The speaker had initially declined to entertain the privilege question saying the time set for raising such issues, soon after the question hour, had already passed. But, he changed his mind after ‘forward bloc’ leader Riaz Hussain Pirzada and another member stood up to insist that the matter be taken up immediately.

However, the issue was put off until Thursday as suggested by Mr Pirzada. Upon this, PPP chief whip Khurshid Ahmed Shah named the information minister for using what he called derogatory remarks about Ms Bhutto. He and several other party members stood up in protest and announced the walkout.

While PML-N and some MMA members immediately joined the PPP walkout, most MMA members stayed behind. But they all left the chamber after PML-N’s Tehmina Daultana and some other opposition members were seen persuading them to join the protest by apparently reminding them of a decision of opposition alliances to stage protest walkouts together.

The Pakistan Telecommunication (Reorganisation) (Amendment) Bill, which was taken for a general debate on Monday, and the Hydrocarbon Development Institute of Pakistan Bill, already passed by the Senate, generated some heat before being passed by the ruling coalition’s majority, which accepted some government-proposed amendments, but rejected some others moved by MMA members.

While the first bill is aimed to facilitate the privatization of the telecom sector, the second gives the needed cover of an act of parliament — in the light of a Supreme Court ruling — to the already existing Hydrocarbon Development Institute of Pakistan, set up in 1984, as an autonomous organization under the petroleum and natural resources ministry.

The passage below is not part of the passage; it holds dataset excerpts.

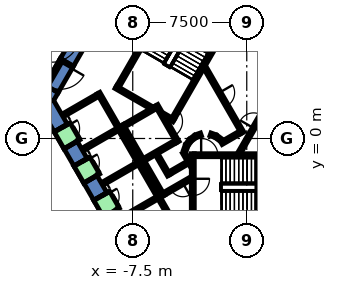
"""IFC4 building model, lengths in metres.
Left out: names, types, materials, properties, quantities, classifications, styles, units other than length and angle.
Written with IfcOpenShell. Run it as: python <this file> out.ifc"""

import sys

from ifc_helpers import new_model, si_unit, direction, frame, frame_2d, origin, place, context, subcontext, project, spatial, polyline, rectangle, outline, extrude, element, fill, save


model = new_model("IFC4")
c1 = context("Model", 3, precision=1e-05, world=origin(), true_north=direction((0.0, 1.0)))
c2 = subcontext(c1, "Body", "Model", "MODEL_VIEW")
j1 = project(units=[si_unit("LENGTHUNIT", "METRE"), si_unit("PLANEANGLEUNIT", "RADIAN")], contexts=[c1])
p1 = place(None, origin())
s1 = spatial("IfcSite", under=j1, at=p1, CompositionType="ELEMENT")
p2 = place(p1, origin())
s2 = spatial("IfcBuilding", under=s1, at=p2, CompositionType="ELEMENT")
p3 = place(p2, origin())
s3 = spatial("IfcBuildingStorey", under=s2, at=p3, CompositionType="ELEMENT", Elevation=0.0)
p4 = place(p3, frame((0.0, 0.0, -0.5)))
e1 = element("IfcWall", 1, at=p4, inside=s3, PredefinedType="SHEAR", context=c2, shape_type="SweptSolid", body=[
    extrude(outline(polyline([(-12.267, 5.252), (-11.402, 4.752), (-6.351, 13.5), (-6.928, 14.5), (-12.267, 5.252)])), origin(), (0.0, 0.0, 1.0), 9.05),
])
p5 = place(p3, frame((0.0, 0.0, -0.5)))
e2 = element("IfcWall", 2, at=p5, inside=s3, PredefinedType="SHEAR", context=c2, shape_type="SweptSolid", body=[
    extrude(outline(polyline([(-12.402, 3.02), (-13.267, 3.52), (-13.856, 2.5), (-12.702, 2.5), (-12.402, 3.02)])), origin(), (0.0, 0.0, 1.0), 9.05),
])
p6 = place(p3, frame((0.0, 0.0, 3.6)))
e3 = element("IfcWall", 3, at=p6, inside=s3, PredefinedType="SHEAR", context=c2, shape_type="SweptSolid", body=[
    extrude(outline(polyline([(-13.267, 3.52), (-12.402, 3.02), (-11.402, 4.752), (-12.267, 5.252), (-13.267, 3.52)])), origin(), (0.0, 0.0, 1.0), 4.95),
])
p7 = place(p3, frame((0.0, 0.0, -0.5)))
e4 = element("IfcWall", 4, at=p7, inside=s3, PredefinedType="SHEAR", context=c2, shape_type="SweptSolid", body=[
    extrude(outline(polyline([(-12.667, 0.44), (-11.801, 0.94), (-12.702, 2.5), (-13.856, 2.5), (-12.667, 0.44)])), origin(), (0.0, 0.0, 1.0), 9.05),
])
p8 = place(p3, frame((0.0, 0.0, -0.5)))
e5 = element("IfcWall", 5, at=p8, inside=s3, PredefinedType="SHEAR", context=c2, shape_type="SweptSolid", body=[
    extrude(outline(polyline([(-11.367, -1.811), (-10.501, -1.311), (-11.151, -0.186), (-12.017, -0.686), (-11.367, -1.811)])), origin(), (0.0, 0.0, 1.0), 9.05),
])
p9 = place(p3, frame((0.0, 0.0, -0.5)))
e6 = element("IfcWall", 6, at=p9, inside=s3, PredefinedType="SHEAR", context=c2, shape_type="SweptSolid", body=[
    extrude(outline(polyline([(-10.067, -4.063), (-9.201, -3.563), (-9.851, -2.437), (-10.717, -2.937), (-10.067, -4.063)])), origin(), (0.0, 0.0, 1.0), 9.05),
])
p10 = place(p3, frame((0.0, 0.0, -0.5)))
e7 = element("IfcWall", 7, at=p10, inside=s3, PredefinedType="SHEAR", context=c2, shape_type="SweptSolid", body=[
    extrude(outline(polyline([(-8.767, -6.314), (-7.902, -5.814), (-8.551, -4.689), (-9.417, -5.189), (-8.767, -6.314)])), origin(), (0.0, 0.0, 1.0), 9.05),
])
p11 = place(p3, frame((0.0, 0.0, 3.6)))
e8 = element("IfcWall", 8, at=p11, inside=s3, PredefinedType="SHEAR", context=c2, shape_type="SweptSolid", body=[
    extrude(outline(polyline([(-12.017, -0.686), (-11.151, -0.186), (-11.801, 0.94), (-12.667, 0.44), (-12.017, -0.686)])), origin(), (0.0, 0.0, 1.0), 4.95),
])
p12 = place(p3, frame((0.0, 0.0, 3.6)))
e9 = element("IfcWall", 9, at=p12, inside=s3, PredefinedType="SHEAR", context=c2, shape_type="SweptSolid", body=[
    extrude(outline(polyline([(-10.717, -2.937), (-9.851, -2.437), (-10.501, -1.311), (-11.367, -1.811), (-10.717, -2.937)])), origin(), (0.0, 0.0, 1.0), 4.95),
])
p13 = place(p3, frame((0.0, 0.0, 3.6)))
e10 = element("IfcWall", 10, at=p13, inside=s3, PredefinedType="SHEAR", context=c2, shape_type="SweptSolid", body=[
    extrude(outline(polyline([(-9.417, -5.189), (-8.551, -4.689), (-9.201, -3.563), (-10.067, -4.063), (-9.417, -5.189)])), origin(), (0.0, 0.0, 1.0), 4.95),
])
p14 = place(p3, frame((-3.9, -1.599, 0.0), z_axis=(0.0, 0.0, 1.0), x_axis=(-0.865969445389, -0.500096910261, 0.0)))
e11 = element("IfcWall", 11, at=p14, inside=s3, PredefinedType="PARTITIONING", context=c2, shape_type="SweptSolid", body=[
    extrude(rectangle(XDim=1.373, YDim=0.2, at=frame_2d((0.687, 0.0))), origin(), (0.0, 0.0, 1.0), 8.55),
])
p15 = place(p3, frame((-5.126, -2.422, 0.0), z_axis=(0.0, 0.0, 1.0), x_axis=(-0.500062241894, 0.865989465428, 0.0)))
e12 = element("IfcWall", 12, at=p15, inside=s3, PredefinedType="PARTITIONING", context=c2, shape_type="SweptSolid", body=[
    extrude(rectangle(XDim=1.7, YDim=0.2, at=frame_2d((0.85, 0.0))), origin(), (0.0, 0.0, 1.0), 8.55),
])
p16 = place(p3, frame((-5.492, -3.788, 0.0), z_axis=(0.0, 0.0, 1.0), x_axis=(-0.500008949224, 0.866020236886, 0.0)))
e13 = element("IfcWall", 13, at=p16, inside=s3, PredefinedType="PARTITIONING", context=c2, shape_type="SweptSolid", body=[
    extrude(rectangle(XDim=2.68, YDim=0.2, at=frame_2d((1.34, 0.0))), origin(), (0.0, 0.0, 1.0), 8.55),
])
p17 = place(p3, frame((-4.145, -0.92, 0.0), z_axis=(0.0, 0.0, 1.0), x_axis=(0.499743786207, -0.866173278362, 0.0)))
e14 = element("IfcWall", 14, at=p17, inside=s3, PredefinedType="PARTITIONING", context=c2, shape_type="SweptSolid", body=[
    extrude(rectangle(XDim=0.991, YDim=0.2, at=frame_2d((0.495, 0.0))), origin(), (0.0, 0.0, 1.0), 8.55),
])
p18 = place(p3, frame((-3.65, -2.61, 0.0), z_axis=(0.0, 0.0, 1.0), x_axis=(-0.866072462134, -0.499918483688, 0.0)))
e15 = element("IfcWall", 15, at=p18, inside=s3, PredefinedType="PARTITIONING", context=c2, shape_type="SweptSolid", body=[
    extrude(rectangle(XDim=2.084, YDim=0.2, at=frame_2d((1.042, 0.0))), origin(), (0.0, 0.0, 1.0), 8.55),
])
p19 = place(p18, frame((0.642, 0.0, 0.0)))
e16 = element("IfcOpeningElement", 16, at=p19, cuts=e15, PredefinedType="OPENING", context=c2, shape_type="SweptSolid", body=[
    extrude(rectangle(XDim=0.9, YDim=2.1, at=frame_2d((0.45, 1.05))), frame((0.0, 0.11, 0.0), z_axis=(0.0, -1.0, 0.0), x_axis=(1.0, 0.0, 0.0)), (0.0, 0.0, 1.0), 0.22),
])
p20 = place(p3, frame((-0.52, -1.0, 0.0), z_axis=(0.0, 0.0, 1.0), x_axis=(0.50011622646, 0.865958290007, 0.0)))
e17 = element("IfcWall", 17, at=p20, inside=s3, PredefinedType="PARTITIONING", context=c2, shape_type="SweptSolid", body=[
    extrude(rectangle(XDim=4.991, YDim=0.2, at=frame_2d((2.496, 0.0))), origin(), (0.0, 0.0, 1.0), 8.55),
])
p21 = place(p20, frame((1.945, 0.0, 0.0)))
e18 = element("IfcOpeningElement", 18, at=p21, cuts=e17, PredefinedType="OPENING", context=c2, shape_type="SweptSolid", body=[
    extrude(rectangle(XDim=1.0, YDim=2.1, at=frame_2d((0.5, 1.05))), frame((0.0, 0.11, 0.0), z_axis=(0.0, -1.0, 0.0), x_axis=(1.0, 0.0, 0.0)), (0.0, 0.0, 1.0), 0.22),
])
p22 = place(p3, frame((-0.412, 0.414, 0.0), z_axis=(0.0, 0.0, 1.0), x_axis=(-0.866017369001, -0.500013916395, 0.0)))
e19 = element("IfcWall", 19, at=p22, inside=s3, PredefinedType="PARTITIONING", context=c2, shape_type="SweptSolid", body=[
    extrude(rectangle(XDim=1.45, YDim=0.2, at=frame_2d((0.725, 0.0))), origin(), (0.0, 0.0, 1.0), 8.55),
])
p23 = place(p3, frame((-1.731, -0.077, 0.0), z_axis=(0.0, 0.0, 1.0), x_axis=(-0.804311165252, 0.594208338422, 0.0)))
e20 = element("IfcWall", 20, at=p23, inside=s3, PredefinedType="PARTITIONING", context=c2, shape_type="SweptSolid", body=[
    extrude(rectangle(XDim=0.338, YDim=0.2, at=frame_2d((0.169, 0.0))), origin(), (0.0, 0.0, 1.0), 8.55),
])
p24 = place(p3, frame((-2.07, 0.16, 0.0), z_axis=(0.0, 0.0, 1.0), x_axis=(-0.942199461132, 0.335052496547, 0.0)))
e21 = element("IfcWall", 21, at=p24, inside=s3, PredefinedType="PARTITIONING", context=c2, shape_type="SweptSolid", body=[
    extrude(rectangle(XDim=0.337, YDim=0.2, at=frame_2d((0.169, 0.0))), origin(), (0.0, 0.0, 1.0), 8.55),
])
p25 = place(p3, frame((-3.012, 0.273, 0.0), z_axis=(0.0, 0.0, 1.0), x_axis=(-0.942280615813, -0.334824194261, 0.0)))
e22 = element("IfcWall", 22, at=p25, inside=s3, PredefinedType="PARTITIONING", context=c2, shape_type="SweptSolid", body=[
    extrude(rectangle(XDim=0.338, YDim=0.2, at=frame_2d((0.169, 0.0))), origin(), (0.0, 0.0, 1.0), 8.55),
])
p26 = place(p3, frame((-3.397, 0.124, 0.0), z_axis=(0.0, 0.0, 1.0), x_axis=(-0.804311165252, -0.594208338422, 0.0)))
e23 = element("IfcWall", 23, at=p26, inside=s3, PredefinedType="PARTITIONING", context=c2, shape_type="SweptSolid", body=[
    extrude(rectangle(XDim=0.338, YDim=0.2, at=frame_2d((0.169, 0.0))), origin(), (0.0, 0.0, 1.0), 8.55),
])
p27 = place(p3, frame((-3.723, -0.131, 0.0), z_axis=(0.0, 0.0, 1.0), x_axis=(-0.594675113454, -0.803966112121, 0.0)))
e24 = element("IfcWall", 24, at=p27, inside=s3, PredefinedType="PARTITIONING", context=c2, shape_type="SweptSolid", body=[
    extrude(rectangle(XDim=0.338, YDim=0.2, at=frame_2d((0.169, 0.0))), origin(), (0.0, 0.0, 1.0), 8.55),
])
p28 = place(p3, frame((-3.96, -0.47, 0.0), z_axis=(0.0, 0.0, 1.0), x_axis=(-0.334824194261, -0.942280615813, 0.0)))
e25 = element("IfcWall", 25, at=p28, inside=s3, PredefinedType="PARTITIONING", context=c2, shape_type="SweptSolid", body=[
    extrude(rectangle(XDim=0.338, YDim=0.2, at=frame_2d((0.169, 0.0))), origin(), (0.0, 0.0, 1.0), 8.55),
])
p29 = place(p3, frame((-2.771, 4.7, 0.0), z_axis=(0.0, 0.0, 1.0), x_axis=(0.499969479948, -0.866043023828, 0.0)))
e26 = element("IfcWall", 26, at=p29, inside=s3, PredefinedType="PARTITIONING", context=c2, shape_type="SweptSolid", body=[
    extrude(rectangle(XDim=4.99, YDim=0.2, at=frame_2d((2.495, 0.0))), origin(), (0.0, 0.0, 1.0), 8.55),
])
p30 = place(p29, frame((1.945, 0.0, 0.0)))
e27 = element("IfcOpeningElement", 27, at=p30, cuts=e26, PredefinedType="OPENING", context=c2, shape_type="SweptSolid", body=[
    extrude(rectangle(XDim=1.0, YDim=2.1, at=frame_2d((0.5, 1.05))), frame((0.0, 0.11, 0.0), z_axis=(0.0, -1.0, 0.0), x_axis=(1.0, 0.0, 0.0)), (0.0, 0.0, 1.0), 0.22),
])
p31 = place(p3, frame((-18.107, 2.457, 0.0), z_axis=(0.0, 0.0, 1.0), x_axis=(0.499997929316, 0.866026599291, 0.0)))
e28 = element("IfcWall", 28, at=p31, inside=s3, PredefinedType="PARTITIONING", context=c2, shape_type="SweptSolid", body=[
    extrude(rectangle(XDim=18.182, YDim=0.1, at=frame_2d((9.091, 0.0))), origin(), (0.0, 0.0, 1.0), 8.55),
])
p32 = place(p31, frame((4.754, 0.0, 0.0)))
e29 = element("IfcOpeningElement", 29, at=p32, cuts=e28, PredefinedType="OPENING", context=c2, shape_type="SweptSolid", body=[
    extrude(rectangle(XDim=1.8, YDim=2.1, at=frame_2d((0.9, 1.05))), frame((0.0, 0.06, 0.0), z_axis=(0.0, -1.0, 0.0), x_axis=(1.0, 0.0, 0.0)), (0.0, 0.0, 1.0), 0.12),
])
p33 = place(p3, frame((-10.755, 10.354, 0.0), z_axis=(0.0, 0.0, 1.0), x_axis=(-0.49996876383, -0.866043437245, 0.0)))
e30 = element("IfcWall", 30, at=p33, inside=s3, PredefinedType="PARTITIONING", context=c2, shape_type="SweptSolid", body=[
    extrude(rectangle(XDim=7.179, YDim=0.15, at=frame_2d((3.589, 0.0))), origin(), (0.0, 0.0, 1.0), 8.55),
])
p34 = place(p33, frame((4.079, 0.0, 0.0)))
e31 = element("IfcOpeningElement", 31, at=p34, cuts=e30, PredefinedType="OPENING", context=c2, shape_type="SweptSolid", body=[
    extrude(rectangle(XDim=1.8, YDim=2.1, at=frame_2d((0.9, 1.05))), frame((0.0, 0.085, 0.0), z_axis=(0.0, -1.0, 0.0), x_axis=(1.0, 0.0, 0.0)), (0.0, 0.0, 1.0), 0.17),
])
p35 = place(p3, frame((-12.18, 5.202, 0.0), z_axis=(0.0, 0.0, 1.0), x_axis=(-0.50002537861, -0.866010750942, 0.0)))
e32 = element("IfcWall", 32, at=p35, inside=s3, PredefinedType="PARTITIONING", context=c2, shape_type="SweptSolid", body=[
    extrude(rectangle(XDim=2.0, YDim=0.2, at=frame_2d((1.0, 0.0))), origin(), (0.0, 0.0, 1.0), 2.4),
])
p36 = place(p35, frame((0.19, 0.0, 0.0)))
e33 = element("IfcOpeningElement", 33, at=p36, cuts=e32, PredefinedType="OPENING", context=c2, shape_type="SweptSolid", body=[
    extrude(rectangle(XDim=1.8, YDim=2.1, at=frame_2d((0.9, 1.05))), frame((0.0, 0.11, 0.0), z_axis=(0.0, -1.0, 0.0), x_axis=(1.0, 0.0, 0.0)), (0.0, 0.0, 1.0), 0.22),
])
p37 = place(p3, frame((-5.94, 2.188, 0.0), z_axis=(0.0, 0.0, 1.0), x_axis=(0.49994636267, -0.866056369097, 0.0)))
e34 = element("IfcWall", 34, at=p37, inside=s3, PredefinedType="STANDARD", context=c2, shape_type="SweptSolid", body=[
    extrude(rectangle(XDim=2.8, YDim=0.2, at=frame_2d((1.4, 0.0))), origin(), (0.0, 0.0, 1.0), 8.55),
])
p38 = place(p37, frame((1.225, 0.0, 0.0)))
e35 = element("IfcOpeningElement", 35, at=p38, cuts=e34, PredefinedType="OPENING", context=c2, shape_type="SweptSolid", body=[
    extrude(rectangle(XDim=1.1, YDim=2.1, at=frame_2d((0.55, 1.05))), frame((0.0, 0.11, 0.0), z_axis=(0.0, -1.0, 0.0), x_axis=(1.0, 0.0, 0.0)), (0.0, 0.0, 1.0), 0.22),
])
p39 = place(p3, frame((-8.192, 0.888, 0.0), z_axis=(0.0, 0.0, 1.0), x_axis=(0.49994636267, -0.866056369097, 0.0)))
e36 = element("IfcWall", 36, at=p39, inside=s3, PredefinedType="STANDARD", context=c2, shape_type="SweptSolid", body=[
    extrude(rectangle(XDim=2.8, YDim=0.2, at=frame_2d((1.4, 0.0))), origin(), (0.0, 0.0, 1.0), 8.55),
])
for number, where, z_axis, x_axis in (
    (37, (-5.977, 2.052, 0.0), (0.0, 0.0, 1.0), (-0.866, -0.5, 0.0)),
    (38, (-4.677, -0.2, 0.0), (0.0, 0.0, 1.0), (-0.866, -0.5, 0.0)),
):
    element("IfcWall", number, at=place(p3, frame(where, z_axis=z_axis, x_axis=x_axis)), inside=s3, PredefinedType="STANDARD", context=c2, shape_type="SweptSolid", body=[
        extrude(rectangle(XDim=2.399, YDim=0.2, at=frame_2d((1.2, 0.0))), origin(), (0.0, 0.0, 1.0), 8.55),
    ])
p40 = place(p3, frame((-9.751, 2.99, 0.0), z_axis=(0.0, 0.0, 1.0), x_axis=(0.50000090737, -0.866024879913, 0.0)))
e39 = element("IfcWall", 39, at=p40, inside=s3, PredefinedType="STANDARD", context=c2, shape_type="SweptSolid", body=[
    extrude(rectangle(XDim=10.6, YDim=0.2, at=frame_2d((5.3, 0.0))), origin(), (0.0, 0.0, 1.0), 8.55),
])
p41 = place(p3, frame((-9.788, 2.853, 0.0), z_axis=(0.0, 0.0, 1.0), x_axis=(-0.865998541277, -0.500046524342, 0.0)))
e40 = element("IfcWall", 40, at=p41, inside=s3, PredefinedType="STANDARD", context=c2, shape_type="SweptSolid", body=[
    extrude(rectangle(XDim=2.5, YDim=0.2, at=frame_2d((1.25, 0.0))), origin(), (0.0, 0.0, 1.0), 8.55),
])
for number, where, z_axis, x_axis in (
    (41, (-8.488, 0.602, 0.0), (0.0, 0.0, 1.0), (-0.866, -0.5, 0.0)),
    (42, (-7.188, -1.65, 0.0), (0.0, 0.0, 1.0), (-0.866, -0.5, 0.0)),
    (43, (-5.888, -3.902, 0.0), (0.0, 0.0, 1.0), (-0.866, -0.5, 0.0)),
):
    element("IfcWall", number, at=place(p3, frame(where, z_axis=z_axis, x_axis=x_axis)), inside=s3, PredefinedType="STANDARD", context=c2, shape_type="SweptSolid", body=[
        extrude(rectangle(XDim=2.5, YDim=0.2, at=frame_2d((1.25, 0.0))), origin(), (0.0, 0.0, 1.0), 8.55),
    ])
p42 = place(p3, frame((-12.148, 0.74, 0.0), z_axis=(0.0, 0.0, 1.0), x_axis=(0.500221244143, -0.865897630733, 0.0)))
e44 = element("IfcWall", 44, at=p42, inside=s3, PredefinedType="STANDARD", context=c2, shape_type="SweptSolid", body=[
    extrude(rectangle(XDim=1.299, YDim=1.2, at=frame_2d((0.65, 0.0))), origin(), (0.0, 0.0, 1.0), 2.4),
])
p43 = place(p42, frame((0.1, 0.0, 0.0)))
e45 = element("IfcOpeningElement", 45, at=p43, cuts=e44, PredefinedType="OPENING", context=c2, shape_type="SweptSolid", body=[
    extrude(rectangle(XDim=1.1, YDim=2.3, at=frame_2d((0.55, 1.15))), frame((0.0, 0.61, 0.0), z_axis=(0.0, -1.0, 0.0), x_axis=(1.0, 0.0, 0.0)), (0.0, 0.0, 1.0), 1.22),
])
p44 = place(p3, frame((-10.848, -1.511, 0.0), z_axis=(0.0, 0.0, 1.0), x_axis=(0.49989585183, -0.866085525409, 0.0)))
e46 = element("IfcWall", 46, at=p44, inside=s3, PredefinedType="STANDARD", context=c2, shape_type="SweptSolid", body=[
    extrude(rectangle(XDim=1.3, YDim=1.2, at=frame_2d((0.65, 0.0))), origin(), (0.0, 0.0, 1.0), 2.4),
])
p45 = place(p44, frame((0.1, 0.0, 0.0)))
e47 = element("IfcOpeningElement", 47, at=p45, cuts=e46, PredefinedType="OPENING", context=c2, shape_type="SweptSolid", body=[
    extrude(rectangle(XDim=1.1, YDim=2.3, at=frame_2d((0.55, 1.15))), frame((0.0, 0.61, 0.0), z_axis=(0.0, -1.0, 0.0), x_axis=(1.0, 0.0, 0.0)), (0.0, 0.0, 1.0), 1.22),
])
p46 = place(p3, frame((-9.548, -3.763, 0.0), z_axis=(0.0, 0.0, 1.0), x_axis=(0.500036693733, -0.866004217611, 0.0)))
e48 = element("IfcWall", 48, at=p46, inside=s3, PredefinedType="STANDARD", context=c2, shape_type="SweptSolid", body=[
    extrude(rectangle(XDim=1.3, YDim=1.2, at=frame_2d((0.65, 0.0))), origin(), (0.0, 0.0, 1.0), 2.4),
])
p47 = place(p46, frame((0.1, 0.0, 0.0)))
e49 = element("IfcOpeningElement", 49, at=p47, cuts=e48, PredefinedType="OPENING", context=c2, shape_type="SweptSolid", body=[
    extrude(rectangle(XDim=1.1, YDim=2.3, at=frame_2d((0.55, 1.15))), frame((0.0, 0.61, 0.0), z_axis=(0.0, -1.0, 0.0), x_axis=(1.0, 0.0, 0.0)), (0.0, 0.0, 1.0), 1.22),
])
p48 = place(p3, frame((-3.55, -1.0, 0.0), z_axis=(0.0, 0.0, 1.0), x_axis=(0.0, -1.0, 0.0)))
e50 = element("IfcWall", 50, at=p48, inside=s3, PredefinedType="STANDARD", context=c2, shape_type="SweptSolid", body=[
    extrude(rectangle(XDim=4.4, YDim=0.2, at=frame_2d((2.2, 0.0))), origin(), (0.0, 0.0, 1.0), 8.55),
])
p49 = place(p48, frame((1.65, 0.0, 0.0)))
e51 = element("IfcOpeningElement", 51, at=p49, cuts=e50, PredefinedType="OPENING", context=c2, shape_type="SweptSolid", body=[
    extrude(rectangle(XDim=1.1, YDim=2.2, at=frame_2d((0.55, 1.1))), frame((0.0, 0.11, 0.0), z_axis=(0.0, -1.0, 0.0), x_axis=(1.0, 0.0, 0.0)), (0.0, 0.0, 1.0), 0.22),
])
p50 = place(p3, frame((-3.45, -1.1, 0.0), z_axis=(0.0, 0.0, 1.0), x_axis=(1.0, 0.0, 0.0)))
e52 = element("IfcWall", 52, at=p50, inside=s3, PredefinedType="STANDARD", context=c2, shape_type="SweptSolid", body=[
    extrude(rectangle(XDim=6.9, YDim=0.2, at=frame_2d((3.45, 0.0))), origin(), (0.0, 0.0, 1.0), 8.55),
])
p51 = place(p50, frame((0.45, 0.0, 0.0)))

KALABAGH DAM: The adjournment motion on the Kalabagh dam project seeks an immediate debate on the issue, accusing the president of insisting on the project “without consulting all stake-holders”.

“This is a clear example of the military government’s complete disregard to the sufferings of the people of Pakistan. It not only threatens the federation (of Pakistan) but is a clear attempt to sow discord among the provinces at a time when the country needs to focus on the gravest crisis that has hit it since 1971,” the motion said in references to the Oct 8 earthquake and the 1971 secession of former East Pakistan.